For both the SLO and OCT (2-D) registration, several “good” reference frames (typically $N=6$) are automatically chosen by a MATLAB routine and used for registration. These $N$ frames are selected from $N$ “windows” of equal duration throughout the original video (e.g., if there were 600 frames in the dataset and $N=6$, each window would contain 100 frames), with only one reference frame chosen per window. The auto-registration algorithm selects the $N$ reference frames based on the mean registration correlation of each frame with its eight neighboring frames (four prior and four subsequent), with a high correlation being preferable. Within each window, the frame with the highest mean correlation with its neighbors is selected. For each selected reference frame, the mean correlation coefficient for that frame in the previous step, minus an offset (typically 0.1), is used as the correlation threshold for averaging (i.e., only frames that register with the reference frame with a mean strip correlation greater than the threshold will be included in the final averaged image). The motivation for this procedure is to help streamline postprocessing and data flow. The auto-selected reference frames do not necessarily represent frames with absolute minimal intra-frame eye motion (i.e., distortion) but are rather intended to be frames to which other frames will register well. The user may choose any of the resulting auto-registered averaged images for subsequent analysis, based on subjective clarity. If none of the auto-registered images are satisfactory (e.g., due to noise, blurring, or poor AO correction), the user may alternatively choose a different reference frame and reregister.

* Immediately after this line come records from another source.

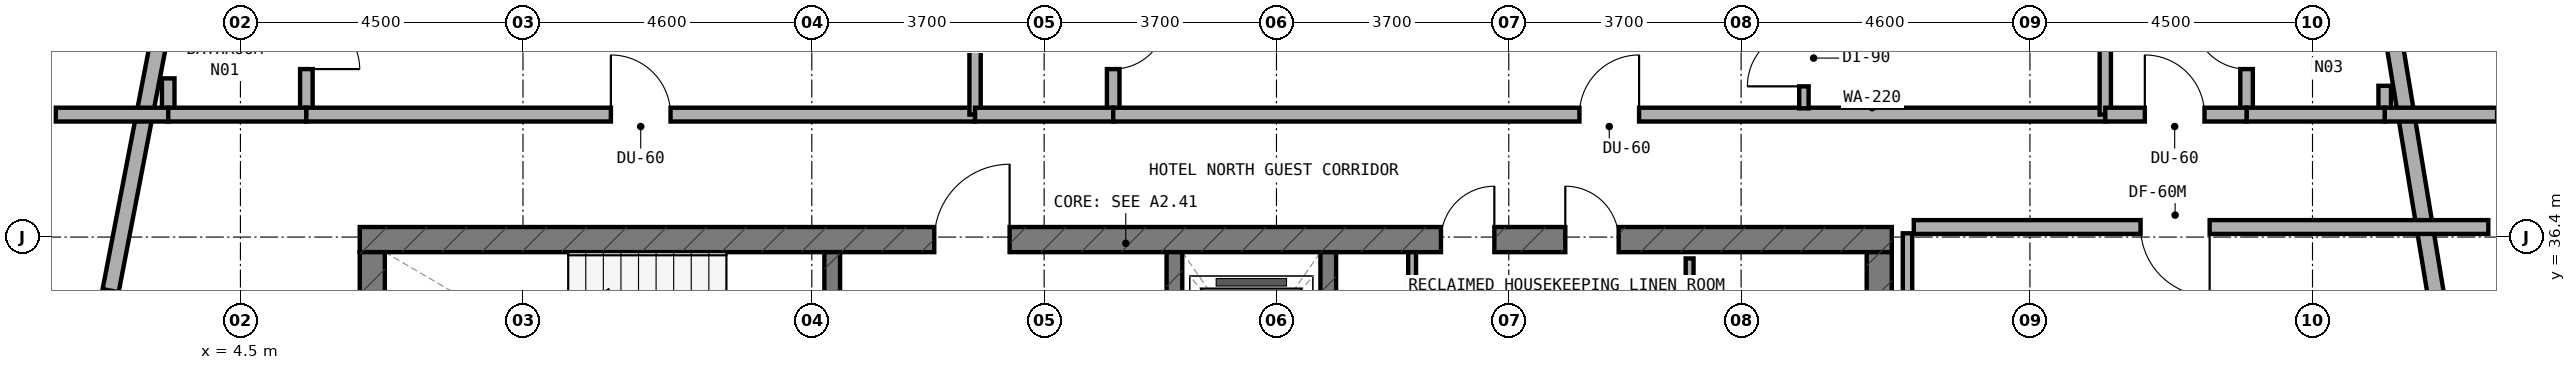
"""IFC4 building model, lengths in metres.
Left out: names, types, materials, properties, quantities, classifications, styles, units other than length and angle.
Written with IfcOpenShell. Run it as: python <this file> out.ifc"""

import sys

from ifc_helpers import new_model, si_unit, direction, frame, frame_2d, origin, place, context, subcontext, project, spatial, rectangle, extrude, element, fill, save


model = new_model("IFC4")
c1 = context("Model", 3, precision=1e-05, world=origin(), true_north=direction((0.0, 1.0)))
c2 = subcontext(c1, "Body", "Model", "MODEL_VIEW")
j1 = project(units=[si_unit("LENGTHUNIT", "METRE"), si_unit("PLANEANGLEUNIT", "RADIAN")], contexts=[c1])
p1 = place(None, origin())
s1 = spatial("IfcSite", under=j1, at=p1, CompositionType="ELEMENT")
p2 = place(p1, origin())
s2 = spatial("IfcBuilding", under=s1, at=p2, CompositionType="ELEMENT")
p3 = place(p2, frame((0.0, 0.0, 181.1)))
s3 = spatial("IfcBuildingStorey", under=s2, at=p3, CompositionType="ELEMENT", Elevation=181.1)
p4 = place(p3, frame((6.4, 36.36, 0.0), z_axis=(0.0, 0.0, 1.0), x_axis=(1.0, 0.0, 0.0)))
e1 = element("IfcWall", 1, at=p4, inside=s3, PredefinedType="SHEAR", context=c2, shape_type="SweptSolid", body=[
    extrude(rectangle(XDim=24.4, YDim=0.4, at=frame_2d((12.2, 0.0))), origin(), (0.0, 0.0, 1.0), 3.6),
])
p5 = place(p4, frame((9.15, 0.0, 0.0)))
e2 = element("IfcOpeningElement", 2, at=p5, cuts=e1, PredefinedType="OPENING", context=c2, shape_type="SweptSolid", body=[
    extrude(rectangle(XDim=1.2, YDim=2.15, at=frame_2d((0.6, 1.075))), frame((0.0, 0.21, 0.0), z_axis=(0.0, -1.0, 0.0), x_axis=(1.0, 0.0, 0.0)), (0.0, 0.0, 1.0), 0.42),
])
p6 = place(p4, frame((19.2, 0.0, 0.0)))
e3 = element("IfcOpeningElement", 3, at=p6, cuts=e1, PredefinedType="OPENING", context=c2, shape_type="SweptSolid", body=[
    extrude(rectangle(XDim=0.85, YDim=2.1, at=frame_2d((0.425, 1.05))), frame((0.0, 0.21, 0.0), z_axis=(0.0, -1.0, 0.0), x_axis=(1.0, 0.0, 0.0)), (0.0, 0.0, 1.0), 0.42),
])
p7 = place(p4, frame((17.22, 0.0, 0.0)))
e4 = element("IfcOpeningElement", 4, at=p7, cuts=e1, PredefinedType="OPENING", context=c2, shape_type="SweptSolid", body=[
    extrude(rectangle(XDim=0.85, YDim=2.1, at=frame_2d((0.425, 1.05))), frame((0.0, 0.21, 0.0), z_axis=(0.0, -1.0, 0.0), x_axis=(1.0, 0.0, 0.0)), (0.0, 0.0, 1.0), 0.42),
])
for number, where, z_axis, x_axis in (
    (5, (6.6, 33.0, 0.0), (0.0, 0.0, 1.0), (0.0, 1.0, 0.0)),
    (6, (30.6, 33.0, 0.0), (0.0, 0.0, 1.0), (0.0, 1.0, 0.0)),
):
    element("IfcWall", number, at=place(p3, frame(where, z_axis=z_axis, x_axis=x_axis)), inside=s3, PredefinedType="SHEAR", context=c2, shape_type="SweptSolid", body=[
        extrude(rectangle(XDim=3.16, YDim=0.4, at=frame_2d((1.58, 0.0))), origin(), (0.0, 0.0, 1.0), 3.6),
    ])
p8 = place(p3, frame((13.925, 33.0, 0.0), z_axis=(0.0, 0.0, 1.0), x_axis=(0.0, 1.0, 0.0)))
e7 = element("IfcWall", 7, at=p8, inside=s3, PredefinedType="STANDARD", context=c2, shape_type="SweptSolid", body=[
    extrude(rectangle(XDim=3.16, YDim=0.25, at=frame_2d((1.58, 0.0))), origin(), (0.0, 0.0, 1.0), 3.32),
])
p9 = place(p8, frame((0.98, 0.0, 0.0)))
e8 = element("IfcOpeningElement", 8, at=p9, cuts=e7, PredefinedType="OPENING", context=c2, shape_type="SweptSolid", body=[
    extrude(rectangle(XDim=1.1, YDim=2.15, at=frame_2d((0.55, 1.075))), frame((0.0, 0.135, 0.0), z_axis=(0.0, -1.0, 0.0), x_axis=(1.0, 0.0, 0.0)), (0.0, 0.0, 1.0), 0.27),
])
p10 = place(p3, frame((19.375, 33.0, 0.0), z_axis=(0.0, 0.0, 1.0), x_axis=(0.0, 1.0, 0.0)))
e9 = element("IfcWall", 9, at=p10, inside=s3, PredefinedType="STANDARD", context=c2, shape_type="SweptSolid", body=[
    extrude(rectangle(XDim=3.16, YDim=0.25, at=frame_2d((1.58, 0.0))), origin(), (0.0, 0.0, 1.0), 3.32),
])
p11 = place(p10, frame((0.98, 0.0, 0.0)))
e10 = element("IfcOpeningElement", 10, at=p11, cuts=e9, PredefinedType="OPENING", context=c2, shape_type="SweptSolid", body=[
    extrude(rectangle(XDim=1.1, YDim=2.15, at=frame_2d((0.55, 1.075))), frame((0.0, 0.135, 0.0), z_axis=(0.0, -1.0, 0.0), x_axis=(1.0, 0.0, 0.0)), (0.0, 0.0, 1.0), 0.27),
])
p12 = place(p3, frame((21.825, 33.0, 0.0), z_axis=(0.0, 0.0, 1.0), x_axis=(0.0, 1.0, 0.0)))
e11 = element("IfcWall", 11, at=p12, inside=s3, PredefinedType="STANDARD", context=c2, shape_type="SweptSolid", body=[
    extrude(rectangle(XDim=3.16, YDim=0.25, at=frame_2d((1.58, 0.0))), origin(), (0.0, 0.0, 1.0), 3.32),
])
p13 = place(p3, frame((40.476, 29.354, 0.0), z_axis=(0.0, 0.0, 1.0), x_axis=(-0.162811037825, 0.986657268742, 0.0)))
e12 = element("IfcWall", 12, at=p13, inside=s3, PredefinedType="STANDARD", context=c2, shape_type="SweptSolid", body=[
    extrude(rectangle(XDim=10.473, YDim=0.26, at=frame_2d((5.236, 0.0))), origin(), (0.0, 0.0, 1.0), 3.32),
])
p14 = place(p13, frame((2.545, 0.0, 0.85)))
e13 = element("IfcOpeningElement", 13, at=p14, cuts=e12, PredefinedType="OPENING", context=c2, shape_type="SweptSolid", body=[
    extrude(rectangle(XDim=2.1, YDim=1.5, at=frame_2d((1.05, 0.75))), frame((0.0, 0.14, 0.0), z_axis=(0.0, -1.0, 0.0), x_axis=(1.0, 0.0, 0.0)), (0.0, 0.0, 1.0), 0.28),
])
p15 = place(p3, frame((3.23, 39.683, 0.0), z_axis=(0.0, 0.0, 1.0), x_axis=(-0.189254809039, -0.98192801022, 0.0)))
e14 = element("IfcWall", 14, at=p15, inside=s3, PredefinedType="STANDARD", context=c2, shape_type="SweptSolid", body=[
    extrude(rectangle(XDim=9.046, YDim=0.26, at=frame_2d((4.523, 0.0))), origin(), (0.0, 0.0, 1.0), 3.32),
])
p16 = place(p15, frame((4.212, 0.0, 0.85)))
e15 = element("IfcOpeningElement", 15, at=p16, cuts=e14, PredefinedType="OPENING", context=c2, shape_type="SweptSolid", body=[
    extrude(rectangle(XDim=2.1, YDim=1.5, at=frame_2d((1.05, 0.75))), frame((0.0, 0.14, 0.0), z_axis=(0.0, -1.0, 0.0), x_axis=(1.0, 0.0, 0.0)), (0.0, 0.0, 1.0), 0.28),
])
p17 = place(p3, frame((27.58, 33.1, 0.0), z_axis=(0.0, 0.0, 1.0), x_axis=(0.0, 1.0, 0.0)))
e16 = element("IfcWall", 16, at=p17, inside=s3, PredefinedType="PARTITIONING", context=c2, shape_type="SweptSolid", body=[
    extrude(rectangle(XDim=2.96, YDim=0.125, at=frame_2d((1.48, 0.0))), origin(), (0.0, 0.0, 1.0), 2.995),
])
p18 = place(p17, frame((1.055, 0.0, 0.0)))
e17 = element("IfcOpeningElement", 17, at=p18, cuts=e16, PredefinedType="OPENING", context=c2, shape_type="SweptSolid", body=[
    extrude(rectangle(XDim=0.85, YDim=2.1, at=frame_2d((0.425, 1.05))), frame((0.0, 0.073, 0.0), z_axis=(0.0, -1.0, 0.0), x_axis=(1.0, 0.0, 0.0)), (0.0, 0.0, 1.0), 0.145),
])
p19 = place(p3, frame((23.16, 34.82, 0.0), z_axis=(0.0, 0.0, 1.0), x_axis=(0.0, 1.0, 0.0)))
e18 = element("IfcWall", 18, at=p19, inside=s3, PredefinedType="PARTITIONING", context=c2, shape_type="SweptSolid", body=[
    extrude(rectangle(XDim=1.34, YDim=0.125, at=frame_2d((0.67, 0.0))), origin(), (0.0, 0.0, 1.0), 3.32),
])
p20 = place(p3, frame((5.55, 38.45, 0.0), z_axis=(0.0, 0.0, 1.0), x_axis=(0.0, 1.0, 0.0)))
e19 = element("IfcWall", 19, at=p20, inside=s3, PredefinedType="PLUMBINGWALL", context=c2, shape_type="SweptSolid", body=[
    extrude(rectangle(XDim=2.1, YDim=0.2, at=frame_2d((1.05, 0.0))), origin(), (0.0, 0.0, 1.0), 3.32),
])
p21 = place(p20, frame((0.625, 0.0, 0.0)))
e20 = element("IfcOpeningElement", 20, at=p21, cuts=e19, PredefinedType="OPENING", context=c2, shape_type="SweptSolid", body=[
    extrude(rectangle(XDim=0.85, YDim=2.1, at=frame_2d((0.425, 1.05))), frame((0.0, 0.11, 0.0), z_axis=(0.0, -1.0, 0.0), x_axis=(1.0, 0.0, 0.0)), (0.0, 0.0, 1.0), 0.22),
])
p22 = place(p3, frame((3.35, 38.35, 0.0), z_axis=(0.0, 0.0, 1.0), x_axis=(0.0, 1.0, 0.0)))
e21 = element("IfcWall", 21, at=p22, inside=s3, PredefinedType="PLUMBINGWALL", context=c2, shape_type="SweptSolid", body=[
    extrude(rectangle(XDim=0.577, YDim=0.2, at=frame_2d((0.289, 0.0))), origin(), (0.0, 0.0, 1.0), 3.32),
])
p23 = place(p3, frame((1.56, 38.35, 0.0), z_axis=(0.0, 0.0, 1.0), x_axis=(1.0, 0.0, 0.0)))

An overview of the 3-D registration procedure for volumetric AO-OCT data is shown in Fig. 3. First, AO-OCT B-scans are axially registered to the reference B-scan using the subpixel registration algorithm developed by Guizar-Sicairos et al.³⁰ Although this returns both axial and transverse (vertical) shifts, only the axial shift is applied to the B-scan in this step because the resulting transverse shift is not generally reliable, because different cones are depicted in most B-scans. As part of this step, the B-scan is flattened by axially shifting the A-scans such that the photoreceptor layer is aligned to 0 deg (i.e., horizontal). The user may select any reference frame, though one of the auto-registration reference frames is typically chosen. The selected AO-OCT reference frame defines the AO-SLO reference frame for the following registration step (i.e., the AO-SLO frame with the matching frame number, acquired at the same time, is selected).

Fig. 3

Flowchart depicting steps in the 3-D registration of AO-OCT data using transverse shifts measured from AO-SLO frames.

Next (step 2), the simultaneously acquired AO-SLO frames are registered using the strip-based approach described above to measure transverse eye motion. During this step, the AO-SLO data are used to flag B-scans for exclusion from the 3-D registration (step 3) if: (a) mean intensity of any frame is less than half that of the reference frame (suggestive of a blink); or (b) the standard deviation of the shifts across all strips in that frame is greater that a user-selected threshold, typically 10 pixels (suggesting considerable intraframe eye motion or erroneous registration). If an AO-SLO frame meets either criteria, the simultaneously acquired B-scan (matching frame number) is excluded.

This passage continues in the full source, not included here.